You should be able to sub maple syrup into any mead recipe but the amounts will be a little off. Maple syrup is supposed to be 66 or 67 percent sugar (depending on whether or not you're in vermont) and honey should be about 80% sugar so use an extra 20%. 

Every spring I want to do a maple wine but am torn between a gallon of syrup, etc or buying another fruit tree to plant. Might actually get to it when the orchard is full.


----------



## Runningwolf

Thanks for the info Mud. I just ordered a dwarf Honey Crisp apple today from stark Bros.


----------



## Runningwolf

With this wine what acid level should I be shooting for. What kind of acid should I use, if I need to increase it?


----------



## Runningwolf

Ok I started my Maple Syrup wine today. I started with 1 gallon of dark maple syrup. I added 4 gallons of water and enough simple syrup for a starting sg of about 1.85. Acid was 0 and ph of 6.0 PH could be off as my meter crapped out right after that.
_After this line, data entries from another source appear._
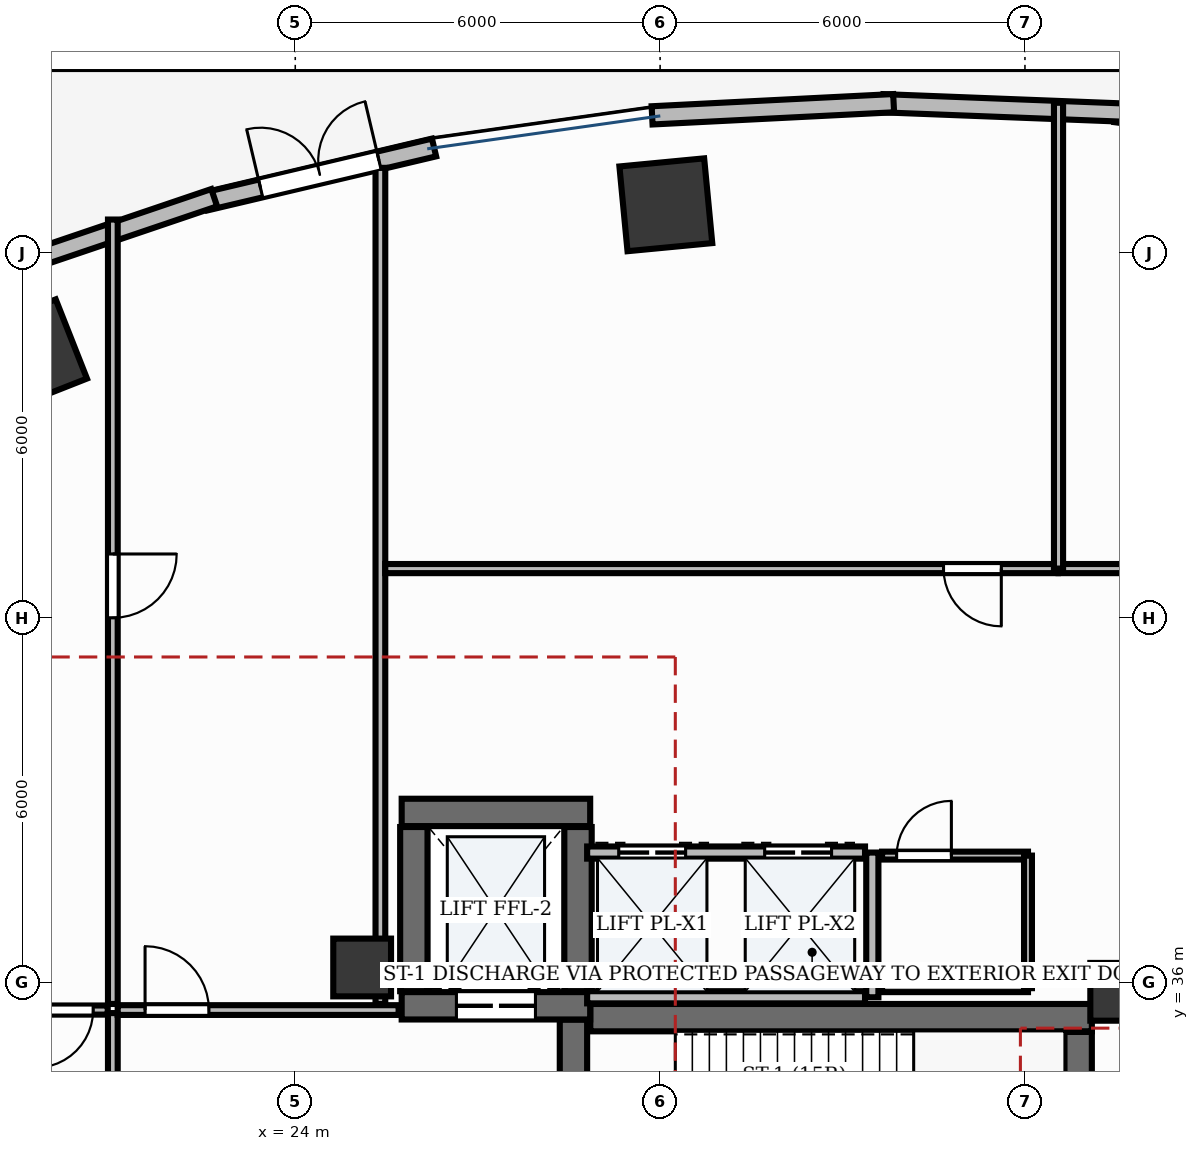
"""IFC4 building model, lengths in metres.
Left out: names, types, materials, properties, quantities, classifications, styles, units other than length and angle.
Written with IfcOpenShell. Run it as: python <this file> out.ifc"""

import sys

from ifc_helpers import new_model, si_unit, direction, frame, frame_2d, origin, origin_2d, place, context, subcontext, project, spatial, rectangle, extrude, element, fill, save


model = new_model("IFC4")
c1 = context("Model", 3, precision=1e-05, world=origin(), true_north=direction((0.0, 1.0)))
c2 = subcontext(c1, "Body", "Model", "MODEL_VIEW")
j1 = project(units=[si_unit("LENGTHUNIT", "METRE"), si_unit("PLANEANGLEUNIT", "RADIAN")], contexts=[c1])
p1 = place(None, origin())
s1 = spatial("IfcSite", under=j1, at=p1, CompositionType="ELEMENT")
p2 = place(p1, origin())
s2 = spatial("IfcBuilding", under=s1, at=p2, CompositionType="ELEMENT")
p3 = place(p2, origin())
s3 = spatial("IfcBuildingStorey", under=s2, at=p3, CompositionType="ELEMENT", Elevation=0.0)
p4 = place(p3, frame((28.852, 35.425, 0.0), z_axis=(0.0, 0.0, 1.0), x_axis=(1.0, 0.0, 0.0)))
e1 = element("IfcWall", 1, at=p4, inside=s3, PredefinedType="SHEAR", context=c2, shape_type="SweptSolid", body=[
    extrude(rectangle(XDim=8.248, YDim=0.45, at=frame_2d((4.124, 0.0))), origin(), (0.0, 0.0, 1.0), 5.1),
])
p5 = place(p3, frame((36.875, 32.11, 0.0), z_axis=(0.0, 0.0, 1.0), x_axis=(0.0, 1.0, 0.0)))
e2 = element("IfcWall", 2, at=p5, inside=s3, PredefinedType="SHEAR", context=c2, shape_type="SweptSolid", body=[
    extrude(rectangle(XDim=3.08, YDim=0.45, at=frame_2d((1.54, 0.0))), origin(), (0.0, 0.0, 1.0), 5.1),
])
p6 = place(p3, frame((28.575, 32.11, 0.0), z_axis=(0.0, 0.0, 1.0), x_axis=(0.0, 1.0, 0.0)))
e3 = element("IfcWall", 3, at=p6, inside=s3, PredefinedType="SHEAR", context=c2, shape_type="SweptSolid", body=[
    extrude(rectangle(XDim=3.283, YDim=0.45, at=frame_2d((1.642, 0.0))), origin(), (0.0, 0.0, 1.0), 5.1),
])
p7 = place(p6, frame((0.2, 0.0, 0.0)))
e4 = element("IfcOpeningElement", 4, at=p7, cuts=e3, PredefinedType="OPENING", context=c2, shape_type="SweptSolid", body=[
    extrude(rectangle(XDim=1.05, YDim=2.15, at=frame_2d((0.525, 1.075))), frame((0.0, 0.24, 0.0), z_axis=(0.0, -1.0, 0.0), x_axis=(1.0, 0.0, 0.0)), (0.0, 0.0, 1.0), 0.48),
])
p8 = place(p3, frame((25.75, 38.8, 0.0), z_axis=(0.0, 0.0, 1.0), x_axis=(1.0, 0.0, 0.0)))
e5 = element("IfcWall", 5, at=p8, inside=s3, PredefinedType="SHEAR", context=c2, shape_type="SweptSolid", body=[
    extrude(rectangle(XDim=3.1, YDim=0.45, at=frame_2d((1.55, 0.0))), origin(), (0.0, 0.0, 1.0), 5.1),
])
p9 = place(p3, frame((25.75, 35.62, 0.0), z_axis=(0.0, 0.0, 1.0), x_axis=(1.0, 0.0, 0.0)))
e6 = element("IfcWall", 6, at=p9, inside=s3, PredefinedType="SHEAR", context=c2, shape_type="SweptSolid", body=[
    extrude(rectangle(XDim=3.1, YDim=0.45, at=frame_2d((1.55, 0.0))), origin(), (0.0, 0.0, 1.0), 5.1),
])
p10 = place(p9, frame((0.9, 0.0, 0.0)))
e7 = element("IfcOpeningElement", 7, at=p10, cuts=e6, PredefinedType="OPENING", context=c2, shape_type="SweptSolid", body=[
    extrude(rectangle(XDim=1.3, YDim=2.2, at=frame_2d((0.65, 1.1))), frame((0.0, 0.24, 0.0), z_axis=(0.0, -1.0, 0.0), x_axis=(1.0, 0.0, 0.0)), (0.0, 0.0, 1.0), 0.48),
])
for number, where, z_axis, x_axis in (
    (8, (25.95, 35.86, 0.0), (0.0, 0.0, 1.0), (0.0, 1.0, 0.0)),
    (9, (28.65, 35.86, 0.0), (0.0, 0.0, 1.0), (0.0, 1.0, 0.0)),
):
    element("IfcWall", number, at=place(p3, frame(where, z_axis=z_axis, x_axis=x_axis)), inside=s3, PredefinedType="SHEAR", context=c2, shape_type="SweptSolid", body=[
        extrude(rectangle(XDim=2.7, YDim=0.45, at=frame_2d((1.35, 0.0))), origin(), (0.0, 0.0, 1.0), 5.1),
    ])
for number, where, z_axis, x_axis in (
    (10, (37.55, 35.85, -0.0), (0.0, 0.0, 1.0), (1.0, 0.0, 0.0)),
    (11, (25.1, 36.25, -0.0), (0.0, 0.0, 1.0), (1.0, 0.0, 0.0)),
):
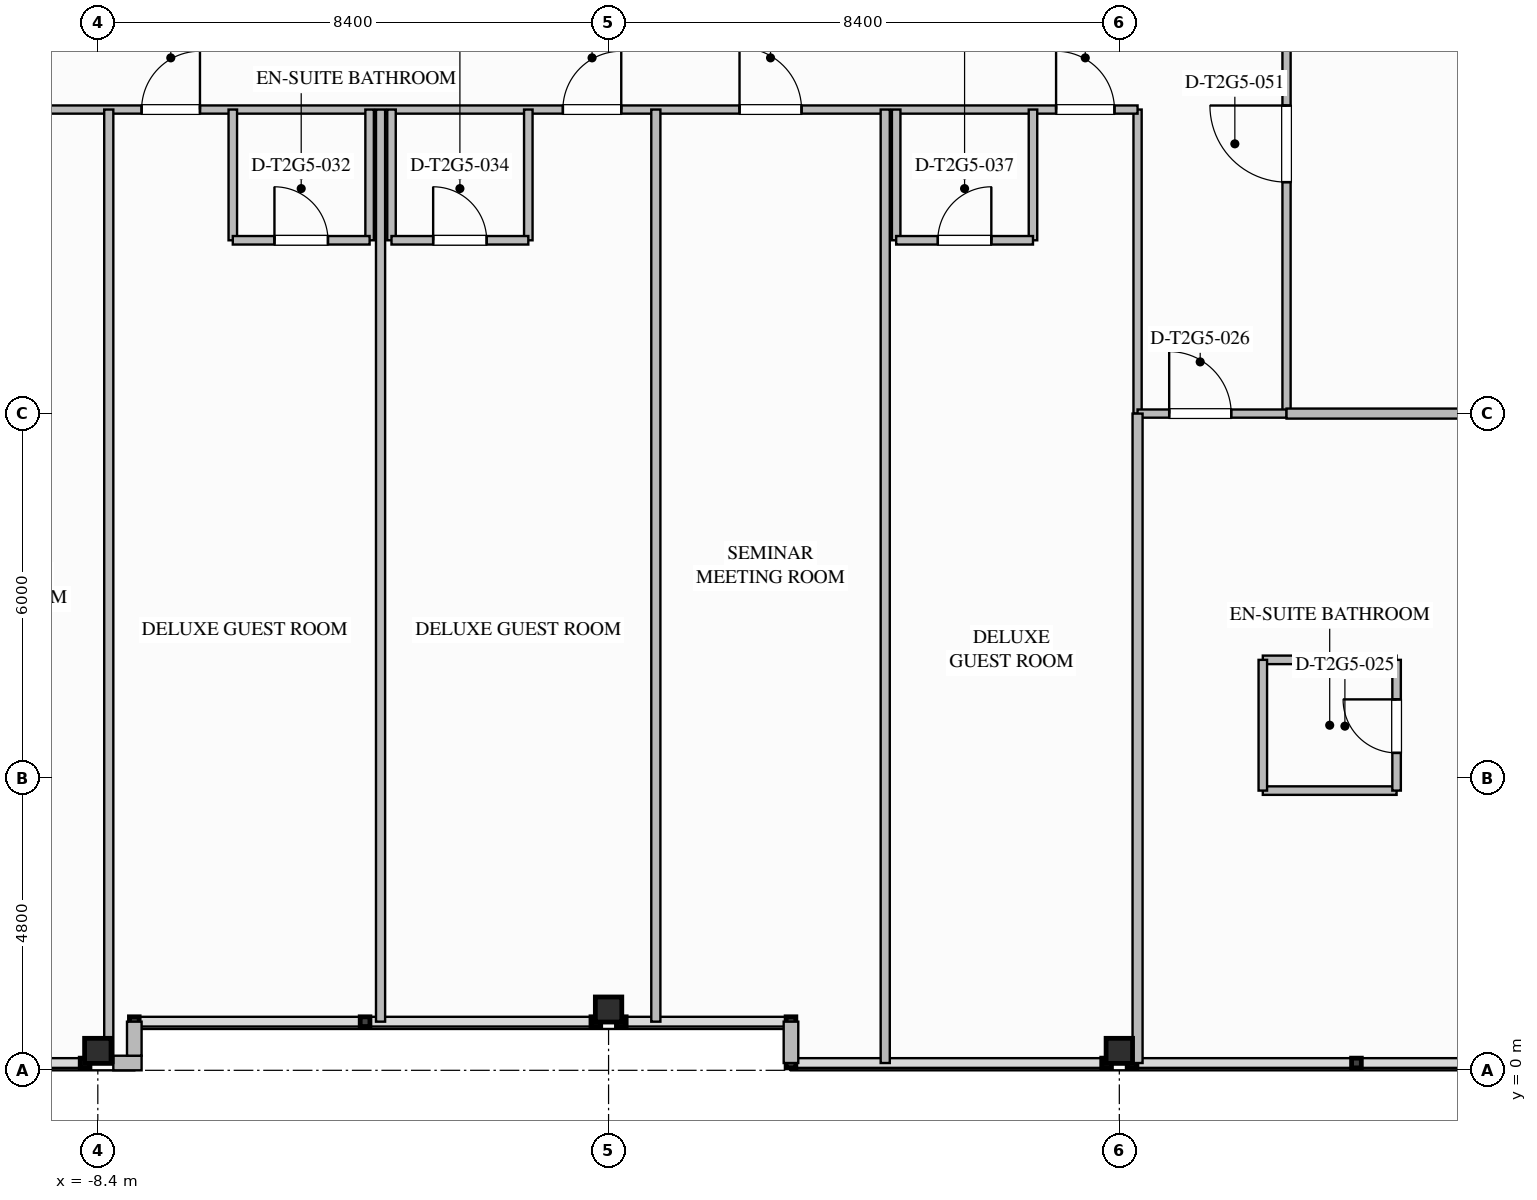
"""IFC4 building model, lengths in metres.
Left out: names, types, materials, properties, quantities, classifications, styles, units other than length and angle.
Written with IfcOpenShell. Run it as: python <this file> out.ifc"""

import sys

from ifc_helpers import new_model, si_unit, direction, frame, frame_2d, origin, origin_2d, place, context, subcontext, project, spatial, rectangle, i_section, extrude, element, fill, save


model = new_model("IFC4")
c1 = context("Model", 3, precision=1e-05, world=origin(), true_north=direction((0.0, 1.0)))
c2 = subcontext(c1, "Body", "Model", "MODEL_VIEW")
j1 = project(units=[si_unit("LENGTHUNIT", "METRE"), si_unit("PLANEANGLEUNIT", "RADIAN")], contexts=[c1])
p1 = place(None, origin())
s1 = spatial("IfcSite", under=j1, at=p1, CompositionType="ELEMENT")
p2 = place(p1, origin())
s2 = spatial("IfcBuilding", under=s1, at=p2, CompositionType="ELEMENT")
p3 = place(p2, frame((0.0, 0.0, 133.8)))
s3 = spatial("IfcBuildingStorey", under=s2, at=p3, CompositionType="ELEMENT", Elevation=133.8)
for number, where, z_axis, x_axis in (
    (1, (-8.4, 0.32, 0.0), (0.0, 0.0, 1.0), (0.0, 1.0, 0.0)),
    (2, (0.0, 1.0, 0.0), (0.0, 0.0, 1.0), (0.0, 1.0, 0.0)),
    (3, (8.4, 0.32, 0.0), (0.0, 0.0, 1.0), (0.0, 1.0, 0.0)),
):
    element("IfcColumn", number, at=place(p3, frame(where, z_axis=z_axis, x_axis=x_axis)), inside=s3, PredefinedType="COLUMN", context=c2, shape_type="SweptSolid", body=[
        extrude(i_section(OverallWidth=0.412, OverallDepth=0.435, WebThickness=0.036, FlangeThickness=0.057, FilletRadius=0.028, at=origin_2d()), origin(), (0.0, 0.0, 1.0), 3.497),
    ])
p4 = place(p3, frame((-7.68, 0.12, 0.0), z_axis=(0.0, 0.0, 1.0), x_axis=(-1.0, 0.0, 0.0)))
e4 = element("IfcWall", 4, at=p4, inside=s3, PredefinedType="STANDARD", context=c2, shape_type="SweptSolid", body=[
    extrude(rectangle(XDim=0.465, YDim=0.24, at=frame_2d((0.232, 0.0))), origin(), (0.0, 0.0, 1.0), 3.24),
])
p5 = place(p3, frame((3.0, 0.12, 0.0), z_axis=(0.0, 0.0, 1.0), x_axis=(0.0, 1.0, 0.0)))
e5 = element("IfcWall", 5, at=p5, inside=s3, PredefinedType="STANDARD", context=c2, shape_type="SweptSolid", body=[
    extrude(rectangle(XDim=0.68, YDim=0.24, at=frame_2d((0.34, 0.0))), origin(), (0.0, 0.0, 1.0), 3.24),
])
p6 = place(p3, frame((-7.8, 0.8, 0.0), z_axis=(0.0, 0.0, 1.0), x_axis=(0.0, -1.0, 0.0)))
e6 = element("IfcWall", 6, at=p6, inside=s3, PredefinedType="STANDARD", context=c2, shape_type="SweptSolid", body=[
    extrude(rectangle(XDim=0.56, YDim=0.24, at=frame_2d((0.28, 0.0))), origin(), (0.0, 0.0, 1.0), 3.24),
])
p7 = place(p3, frame((8.7, 10.8, 0.0), z_axis=(0.0, 0.0, 1.0), x_axis=(0.0, 1.0, 0.0)))
e7 = element("IfcWall", 7, at=p7, inside=s3, PredefinedType="PARTITIONING", context=c2, shape_type="SweptSolid", body=[
    extrude(rectangle(XDim=5.0, YDim=0.135, at=frame_2d((2.5, 0.0))), origin(), (0.0, 0.0, 1.0), 3.24),
])
p8 = place(p3, frame((-16.2, 15.8, 0.0), z_axis=(0.0, 0.0, 1.0), x_axis=(1.0, 0.0, 0.0)))
e8 = element("IfcWall", 8, at=p8, inside=s3, PredefinedType="PARTITIONING", context=c2, shape_type="SweptSolid", body=[
    extrude(rectangle(XDim=24.9, YDim=0.135, at=frame_2d((12.45, 0.0))), origin(), (0.0, 0.0, 1.0), 3.24),
])
p9 = place(p8, frame((0.38, 0.0, 0.0)))
e9 = element("IfcOpeningElement", 9, at=p9, cuts=e8, PredefinedType="OPENING", context=c2, shape_type="SweptSolid", body=[
    extrude(rectangle(XDim=0.96, YDim=2.15, at=frame_2d((0.48, 1.075))), frame((0.0, 0.077, 0.0), z_axis=(0.0, -1.0, 0.0), x_axis=(1.0, 0.0, 0.0)), (0.0, 0.0, 1.0), 0.155),
])
p10 = place(p8, frame((5.555, 0.0, 0.0)))
e10 = element("IfcOpeningElement", 10, at=p10, cuts=e8, PredefinedType="OPENING", context=c2, shape_type="SweptSolid", body=[
    extrude(rectangle(XDim=1.02, YDim=2.15, at=frame_2d((0.51, 1.075))), frame((0.0, 0.077, 0.0), z_axis=(0.0, -1.0, 0.0), x_axis=(1.0, 0.0, 0.0)), (0.0, 0.0, 1.0), 0.155),
])
p11 = place(p8, frame((8.52, 0.0, 0.0)))
e11 = element("IfcOpeningElement", 11, at=p11, cuts=e8, PredefinedType="OPENING", context=c2, shape_type="SweptSolid", body=[
    extrude(rectangle(XDim=0.96, YDim=2.15, at=frame_2d((0.48, 1.075))), frame((0.0, 0.077, 0.0), z_axis=(0.0, -1.0, 0.0), x_axis=(1.0, 0.0, 0.0)), (0.0, 0.0, 1.0), 0.155),
])
p12 = place(p8, frame((15.448, 0.0, 0.0)))
e12 = element("IfcOpeningElement", 12, at=p12, cuts=e8, PredefinedType="OPENING", context=c2, shape_type="SweptSolid", body=[
    extrude(rectangle(XDim=0.96, YDim=2.15, at=frame_2d((0.48, 1.075))), frame((0.0, 0.077, 0.0), z_axis=(0.0, -1.0, 0.0), x_axis=(1.0, 0.0, 0.0)), (0.0, 0.0, 1.0), 0.155),
])
p13 = place(p8, frame((18.354, 0.0, 0.0)))
e13 = element("IfcOpeningElement", 13, at=p13, cuts=e8, PredefinedType="OPENING", context=c2, shape_type="SweptSolid", body=[
    extrude(rectangle(XDim=1.02, YDim=2.15, at=frame_2d((0.51, 1.075))), frame((0.0, 0.077, 0.0), z_axis=(0.0, -1.0, 0.0), x_axis=(1.0, 0.0, 0.0)), (0.0, 0.0, 1.0), 0.155),
])
p14 = place(p8, frame((23.56, 0.0, 0.0)))
e14 = element("IfcOpeningElement", 14, at=p14, cuts=e8, PredefinedType="OPENING", context=c2, shape_type="SweptSolid", body=[
    extrude(rectangle(XDim=0.96, YDim=2.15, at=frame_2d((0.48, 1.075))), frame((0.0, 0.077, 0.0), z_axis=(0.0, -1.0, 0.0), x_axis=(1.0, 0.0, 0.0)), (0.0, 0.0, 1.0), 0.155),
])
p15 = place(p3, frame((11.15, 10.8, 0.0), z_axis=(0.0, 0.0, 1.0), x_axis=(0.0, 1.0, 0.0)))
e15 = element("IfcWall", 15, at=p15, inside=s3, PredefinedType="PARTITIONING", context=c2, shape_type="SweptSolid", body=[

I added 8 sliced up oranges and yeast.


----------



## Runningwolf

Tasted this wine a month ago and I thought oh crap. The next day I added another qt of Maple syrup the next day. Today I sampled it and you know I think this just might be a winner. Needs another 6 months though.


----------



## seth8530

Sounds very good, ive heard that maple syrup wine should be treated like a mead.


----------



## Runningwolf

Seth I added another qt of maple and 5 pounds of honey. I think it'll take a while to come around yet.


----------



## abigtroutt

Pure maple syrup is BIG  here in Florida. Could you use the cheaper store bought? 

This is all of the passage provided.